Für Deinen Fall könnte ich mir das so vorstellen:   ein kleines Floß mit solarbetriebenem Kompressor  und Schlauchverbindung nach unten reichert dem Mulm mit Sauerstoff an, wodurch er gelöst wird und nach oben steigt.   
Die Oberfläche müsste dann durch einen Leistungsfähigen SKIMMER gereinigt werden,  was sich allerdings über einige Wochen, vielleicht sogar Monate hinziehen wird.
Die Methode hat aber viele Vorteile: umweltverträglich, sparsam usw.

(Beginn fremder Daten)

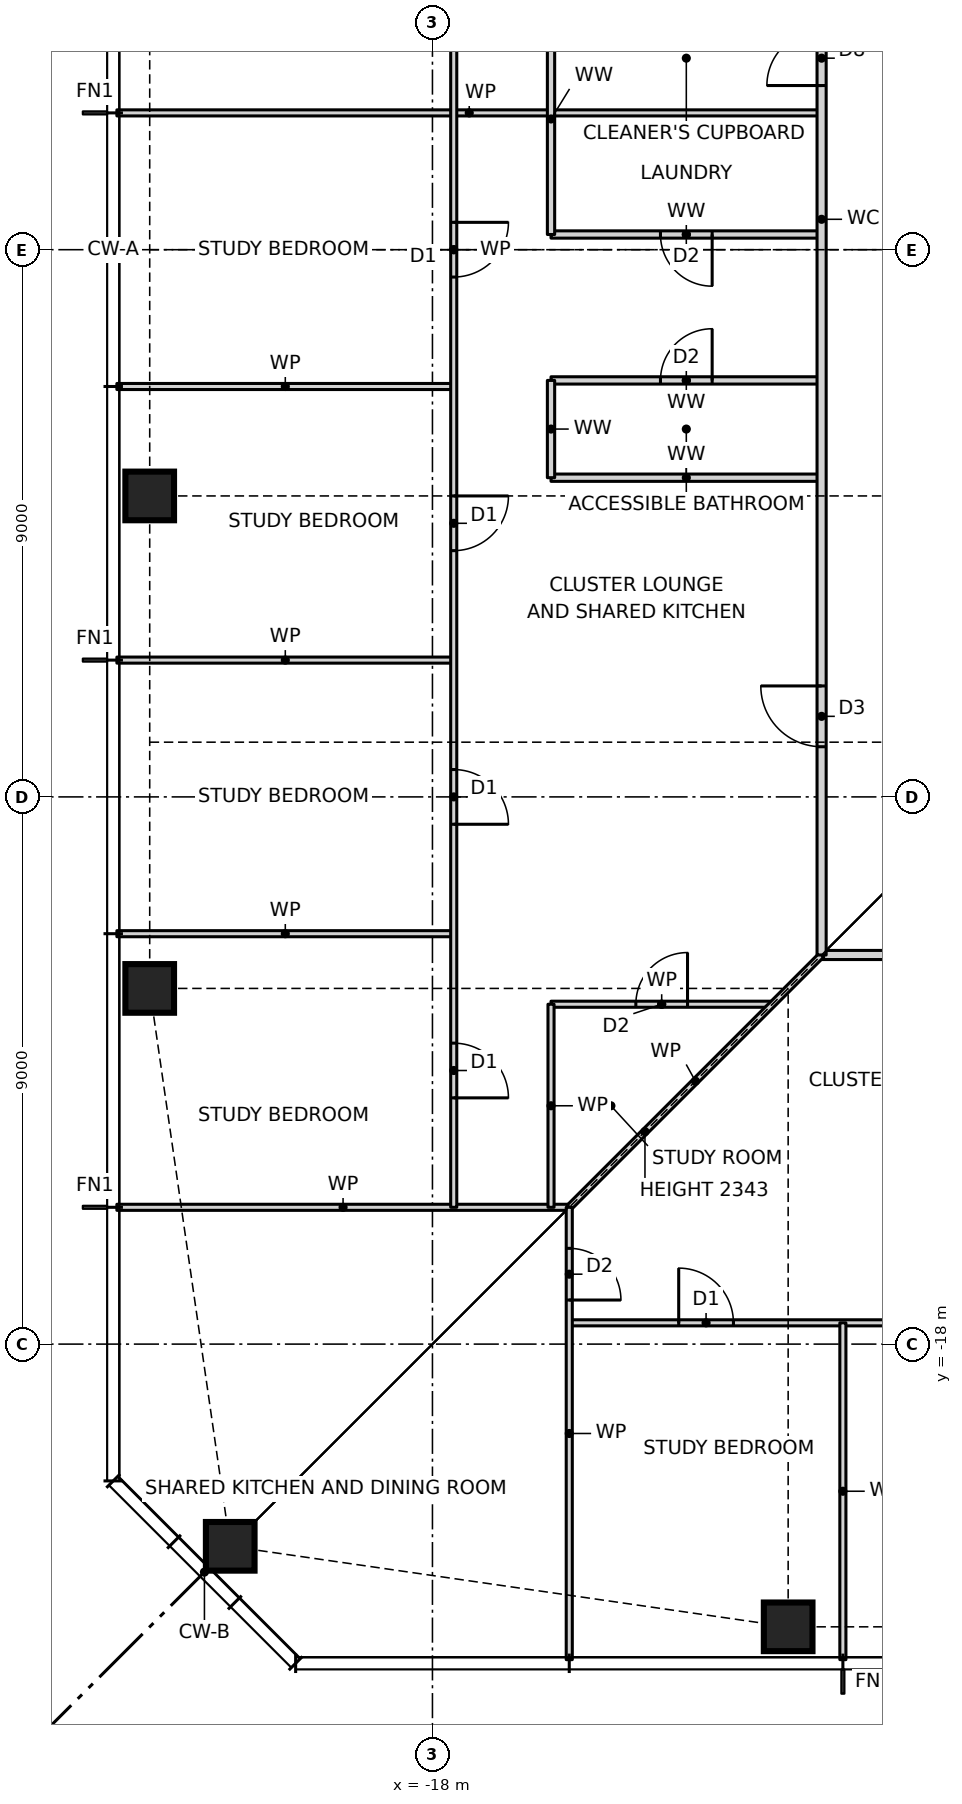
"""IFC4 building model, lengths in metres.
Left out: names, types, materials, properties, quantities, classifications, styles, units other than length and angle.
Written with IfcOpenShell. Run it as: python <this file> out.ifc"""

import sys

from ifc_helpers import new_model, si_unit, direction, frame, frame_2d, origin, origin_2d, place, context, subcontext, project, spatial, rectangle, hollow_rectangle, extrude, element, fill, save


model = new_model("IFC4")
c1 = context("Model", 3, precision=1e-05, world=origin(), true_north=direction((0.0, 1.0)))
c2 = subcontext(c1, "Body", "Model", "MODEL_VIEW")
j1 = project(units=[si_unit("LENGTHUNIT", "METRE"), si_unit("PLANEANGLEUNIT", "RADIAN")], contexts=[c1])
p1 = place(None, origin())
s1 = spatial("IfcSite", under=j1, at=p1, CompositionType="ELEMENT")
p2 = place(p1, origin())
s2 = spatial("IfcBuilding", under=s1, at=p2, CompositionType="ELEMENT")
p3 = place(p2, frame((0.0, 0.0, 57.0)))
s3 = spatial("IfcBuildingStorey", under=s2, at=p3, CompositionType="ELEMENT", Elevation=57.0)
for number, where, z_axis, x_axis in (
    (1, (-21.326, -21.326, 0.0), (0.0, 0.0, 1.0), (1.0, 0.0, 0.0)),
    (2, (-12.15, -22.65, 0.0), (0.0, 0.0, 1.0), (1.0, 0.0, 0.0)),
    (3, (-22.65, -4.05, 0.0), (0.0, 0.0, 1.0), (1.0, 0.0, 0.0)),
    (4, (-22.65, -12.15, 0.0), (0.0, 0.0, 1.0), (1.0, 0.0, 0.0)),
):
    element("IfcColumn", number, at=place(p3, frame(where, z_axis=z_axis, x_axis=x_axis)), inside=s3, PredefinedType="COLUMN", context=c2, shape_type="SweptSolid", body=[
        extrude(hollow_rectangle(XDim=0.8, YDim=0.8, WallThickness=0.09, at=origin_2d()), origin(), (0.0, 0.0, 1.0), 3.5),
    ])
p4 = place(p3, frame((-15.75, -17.65, 0.0), z_axis=(0.0, 0.0, 1.0), x_axis=(1.0, 0.0, 0.0)))
e5 = element("IfcWall", 5, at=p4, inside=s3, PredefinedType="PARTITIONING", context=c2, shape_type="SweptSolid", body=[
    extrude(rectangle(XDim=31.5, YDim=0.1, at=frame_2d((15.75, 0.0))), origin(), (0.0, 0.0, 1.0), 3.27),
])
p5 = place(p4, frame((1.8, 0.0, 0.0)))
e6 = element("IfcOpeningElement", 6, at=p5, cuts=e5, PredefinedType="OPENING", context=c2, shape_type="SweptSolid", body=[
    extrude(rectangle(XDim=0.9, YDim=2.1, at=frame_2d((0.45, 1.05))), frame((0.0, 0.06, 0.0), z_axis=(0.0, -1.0, 0.0), x_axis=(1.0, 0.0, 0.0)), (0.0, 0.0, 1.0), 0.12),
])
p6 = place(p4, frame((6.3, 0.0, 0.0)))
e7 = element("IfcOpeningElement", 7, at=p6, cuts=e5, PredefinedType="OPENING", context=c2, shape_type="SweptSolid", body=[
    extrude(rectangle(XDim=0.9, YDim=2.1, at=frame_2d((0.45, 1.05))), frame((0.0, 0.06, 0.0), z_axis=(0.0, -1.0, 0.0), x_axis=(1.0, 0.0, 0.0)), (0.0, 0.0, 1.0), 0.12),
])
p7 = place(p4, frame((10.8, 0.0, 0.0)))
e8 = element("IfcOpeningElement", 8, at=p7, cuts=e5, PredefinedType="OPENING", context=c2, shape_type="SweptSolid", body=[
    extrude(rectangle(XDim=0.9, YDim=2.1, at=frame_2d((0.45, 1.05))), frame((0.0, 0.06, 0.0), z_axis=(0.0, -1.0, 0.0), x_axis=(1.0, 0.0, 0.0)), (0.0, 0.0, 1.0), 0.12),
])
p8 = place(p4, frame((15.3, 0.0, 0.0)))
e9 = element("IfcOpeningElement", 9, at=p8, cuts=e5, PredefinedType="OPENING", context=c2, shape_type="SweptSolid", body=[
    extrude(rectangle(XDim=0.9, YDim=2.1, at=frame_2d((0.45, 1.05))), frame((0.0, 0.06, 0.0), z_axis=(0.0, -1.0, 0.0), x_axis=(1.0, 0.0, 0.0)), (0.0, 0.0, 1.0), 0.12),
])
p9 = place(p4, frame((19.8, 0.0, 0.0)))
e10 = element("IfcOpeningElement", 10, at=p9, cuts=e5, PredefinedType="OPENING", context=c2, shape_type="SweptSolid", body=[
    extrude(rectangle(XDim=0.9, YDim=2.1, at=frame_2d((0.45, 1.05))), frame((0.0, 0.06, 0.0), z_axis=(0.0, -1.0, 0.0), x_axis=(1.0, 0.0, 0.0)), (0.0, 0.0, 1.0), 0.12),
])
p10 = place(p4, frame((24.3, 0.0, 0.0)))
e11 = element("IfcOpeningElement", 11, at=p10, cuts=e5, PredefinedType="OPENING", context=c2, shape_type="SweptSolid", body=[
    extrude(rectangle(XDim=0.9, YDim=2.1, at=frame_2d((0.45, 1.05))), frame((0.0, 0.06, 0.0), z_axis=(0.0, -1.0, 0.0), x_axis=(1.0, 0.0, 0.0)), (0.0, 0.0, 1.0), 0.12),
])
p11 = place(p4, frame((28.8, 0.0, 0.0)))
e12 = element("IfcOpeningElement", 12, at=p11, cuts=e5, PredefinedType="OPENING", context=c2, shape_type="SweptSolid", body=[
    extrude(rectangle(XDim=0.9, YDim=2.1, at=frame_2d((0.45, 1.05))), frame((0.0, 0.06, 0.0), z_axis=(0.0, -1.0, 0.0), x_axis=(1.0, 0.0, 0.0)), (0.0, 0.0, 1.0), 0.12),
])
p12 = place(p3, frame((-23.19, -15.75, 0.0), z_axis=(0.0, 0.0, 1.0), x_axis=(1.0, 0.0, 0.0)))
e13 = element("IfcWall", 13, at=p12, inside=s3, PredefinedType="PARTITIONING", context=c2, shape_type="SweptSolid", body=[
    extrude(rectangle(XDim=7.44, YDim=0.1, at=frame_2d((3.72, 0.0))), origin(), (0.0, 0.0, 1.0), 3.27),
])
p13 = place(p3, frame((-16.05, -12.41, 0.0), z_axis=(0.0, 0.0, 1.0), x_axis=(1.0, 0.0, 0.0)))
e14 = element("IfcWall", 14, at=p13, inside=s3, PredefinedType="PARTITIONING", context=c2, shape_type="SweptSolid", body=[
    extrude(rectangle(XDim=3.64, YDim=0.1, at=frame_2d((1.82, 0.0))), origin(), (0.0, 0.0, 1.0), 3.27),
])
p14 = place(p13, frame((1.395, 0.0, 0.0)))
e15 = element("IfcOpeningElement", 15, at=p14, cuts=e14, PredefinedType="OPENING", context=c2, shape_type="SweptSolid", body=[
    extrude(rectangle(XDim=0.85, YDim=2.1, at=frame_2d((0.425, 1.05))), frame((0.0, 0.06, 0.0), z_axis=(0.0, -1.0, 0.0), x_axis=(1.0, 0.0, 0.0)), (0.0, 0.0, 1.0), 0.12),
])
p15 = place(p3, frame((-11.6, -11.6, 0.0), z_axis=(0.0, 0.0, 1.0), x_axis=(1.0, 0.0, 0.0)))
e16 = element("IfcWall", 16, at=p15, inside=s3, PredefinedType="PARTITIONING", context=c2, shape_type="SweptSolid", body=[
    extrude(rectangle(XDim=23.2, YDim=0.15, at=frame_2d((11.6, 0.0))), origin(), (0.0, 0.0, 1.0), 3.27),
])
p16 = place(p15, frame((1.755, 0.0, 0.0)))
e17 = element("IfcOpeningElement", 17, at=p16, cuts=e16, PredefinedType="OPENING", context=c2, shape_type="SweptSolid", body=[
    extrude(rectangle(XDim=1.0, YDim=2.1, at=frame_2d((0.5, 1.05))), frame((0.0, 0.085, 0.0), z_axis=(0.0, -1.0, 0.0), x_axis=(1.0, 0.0, 0.0)), (0.0, 0.0, 1.0), 0.17),
])
p17 = place(p15, frame((21.025, 0.0, 0.0)))
e18 = element("IfcOpeningElement", 18, at=p17, cuts=e16, PredefinedType="OPENING", context=c2, shape_type="SweptSolid", body=[
    extrude(rectangle(XDim=1.0, YDim=2.1, at=frame_2d((0.5, 1.05))), frame((0.0, 0.085, 0.0), z_axis=(0.0, -1.0, 0.0), x_axis=(1.0, 0.0, 0.0)), (0.0, 0.0, 1.0), 0.17),
])
for number, where, z_axis, x_axis in (
    (19, (-23.19, -11.25, 0.0), (0.0, 0.0, 1.0), (1.0, 0.0, 0.0)),
    (20, (-23.19, -6.75, 0.0), (0.0, 0.0, 1.0), (1.0, 0.0, 0.0)),
):
    element("IfcWall", number, at=place(p3, frame(where, z_axis=z_axis, x_axis=x_axis)), inside=s3, PredefinedType="PARTITIONING", context=c2, shape_type="SweptSolid", body=[
        extrude(rectangle(XDim=5.54, YDim=0.1, at=frame_2d((2.77, 0.0))), origin(), (0.0, 0.0, 1.0), 3.27),
    ])
p18 = place(p3, frame((-16.05, -3.75, 0.0), z_axis=(0.0, 0.0, 1.0), x_axis=(1.0, 0.0, 0.0)))
e21 = element("IfcWall", 21, at=p18, inside=s3, PredefinedType="PARTITIONING", context=c2, shape_type="SweptSolid", body=[
    extrude(rectangle(XDim=4.45, YDim=0.12, at=frame_2d((2.225, 0.0))), origin(), (0.0, 0.0, 1.0), 3.27),
])
p19 = place(p3, frame((-23.19, -2.25, 0.0), z_axis=(0.0, 0.0, 1.0), x_axis=(1.0, 0.0, 0.0)))
e22 = element("IfcWall", 22, at=p19, inside=s3, PredefinedType="PARTITIONING", context=c2, shape_type="SweptSolid", body=[
    extrude(rectangle(XDim=5.54, YDim=0.1, at=frame_2d((2.77, 0.0))), origin(), (0.0, 0.0, 1.0), 3.27),
])
p20 = place(p3, frame((-16.05, -2.15, 0.0), z_axis=(0.0, 0.0, 1.0), x_axis=(1.0, 0.0, 0.0)))
e23 = element("IfcWall", 23, at=p20, inside=s3, PredefinedType="PARTITIONING", context=c2, shape_type="SweptSolid", body=[
    extrude(rectangle(XDim=4.45, YDim=0.12, at=frame_2d((2.225, 0.0))), origin(), (0.0, 0.0, 1.0), 3.27),
])
p21 = place(p20, frame((1.8, 0.0, 0.0)))
e24 = element("IfcOpeningElement", 24, at=p21, cuts=e23, PredefinedType="OPENING", context=c2, shape_type="SweptSolid", body=[
    extrude(rectangle(XDim=0.85, YDim=2.1, at=frame_2d((0.425, 1.05))), frame((0.0, 0.07, 0.0), z_axis=(0.0, -1.0, 0.0), x_axis=(1.0, 0.0, 0.0)), (0.0, 0.0, 1.0), 0.14),
])
p22 = place(p3, frame((-16.05, 0.25, 0.0), z_axis=(0.0, 0.0, 1.0), x_axis=(1.0, 0.0, 0.0)))
e25 = element("IfcWall", 25, at=p22, inside=s3, PredefinedType="PARTITIONING", context=c2, shape_type="SweptSolid", body=[
    extrude(rectangle(XDim=4.45, YDim=0.12, at=frame_2d((2.225, 0.0))), origin(), (0.0, 0.0, 1.0), 3.27),
])
p23 = place(p22, frame((1.8, 0.0, 0.0)))
e26 = element("IfcOpeningElement", 26, at=p23, cuts=e25, PredefinedType="OPENING", context=c2, shape_type="SweptSolid", body=[
    extrude(rectangle(XDim=0.85, YDim=2.1, at=frame_2d((0.425, 1.05))), frame((0.0, 0.07, 0.0), z_axis=(0.0, -1.0, 0.0), x_axis=(1.0, 0.0, 0.0)), (0.0, 0.0, 1.0), 0.14),
])
p24 = place(p3, frame((-23.19, 2.25, 0.0), z_axis=(0.0, 0.0, 1.0), x_axis=(1.0, 0.0, 0.0)))
e27 = element("IfcWall", 27, at=p24, inside=s3, PredefinedType="PARTITIONING", context=c2, shape_type="SweptSolid", body=[
    extrude(rectangle(XDim=11.59, YDim=0.1, at=frame_2d((5.795, 0.0))), origin(), (0.0, 0.0, 1.0), 3.27),
])
p25 = place(p3, frame((-15.75, -15.75, 0.0), z_axis=(0.0, 0.0, 1.0), x_axis=(0.707106781187, 0.707106781187, 0.0)))
e28 = element("IfcWall", 28, at=p25, inside=s3, PredefinedType="PARTITIONING", context=c2, shape_type="SweptSolid", body=[
    extrude(rectangle(XDim=5.869, YDim=0.1, at=frame_2d((2.935, 0.0))), origin(), (0.0, 0.0, 1.0), 2.343),
])
p26 = place(p3, frame((-11.25, -23.19, 0.0), z_axis=(0.0, 0.0, 1.0), x_axis=(0.0, 1.0, 0.0)))
e29 = element("IfcWall", 29, at=p26, inside=s3, PredefinedType="PARTITIONING", context=c2, shape_type="SweptSolid", body=[
    extrude(rectangle(XDim=5.54, YDim=0.1, at=frame_2d((2.77, 0.0))), origin(), (0.0, 0.0, 1.0), 3.27),
])
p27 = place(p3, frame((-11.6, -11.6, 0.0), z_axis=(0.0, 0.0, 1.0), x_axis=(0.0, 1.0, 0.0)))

Ausprobieren hilft!!!!  fast immer!!!

Schöne Grüße vom Bodensee
Kurt


----------



## fastlane (15. Juli 2007)

*AW: Viel Schlamm im grossen Teich*

hallo erst mal ich bin der david

ich habe mal eine frage ich und mein vater habe ein koiteich gebaut vor 2 jahren
er ist 11 meter lang,9 meter breit und 2,8 meter tief derzeit habe ich im teich ca 25 kois zwichen 30 und 80 cm groß und habe noch viele im keller und jetzt kommt mein problen ich habe den teich saubert gemacht und auf den boden ist schlamm wie bekomme ich den weg

mit ein gerät oder ohne bitte hilfe sie mir danke


----------



## Annett (23. Juli 2007)

*AW: Viel Schlamm im grossen Teich*

Hallo David,

wenn auch verspätet, erstmal: Willkommen bei uns!
Deine Frage ist hier leider total unter gegangen....
Hast Du das Problem schon selbst gelöst (wenn ja, wie?) oder besteht weiterer Bedarf an Tips?


----------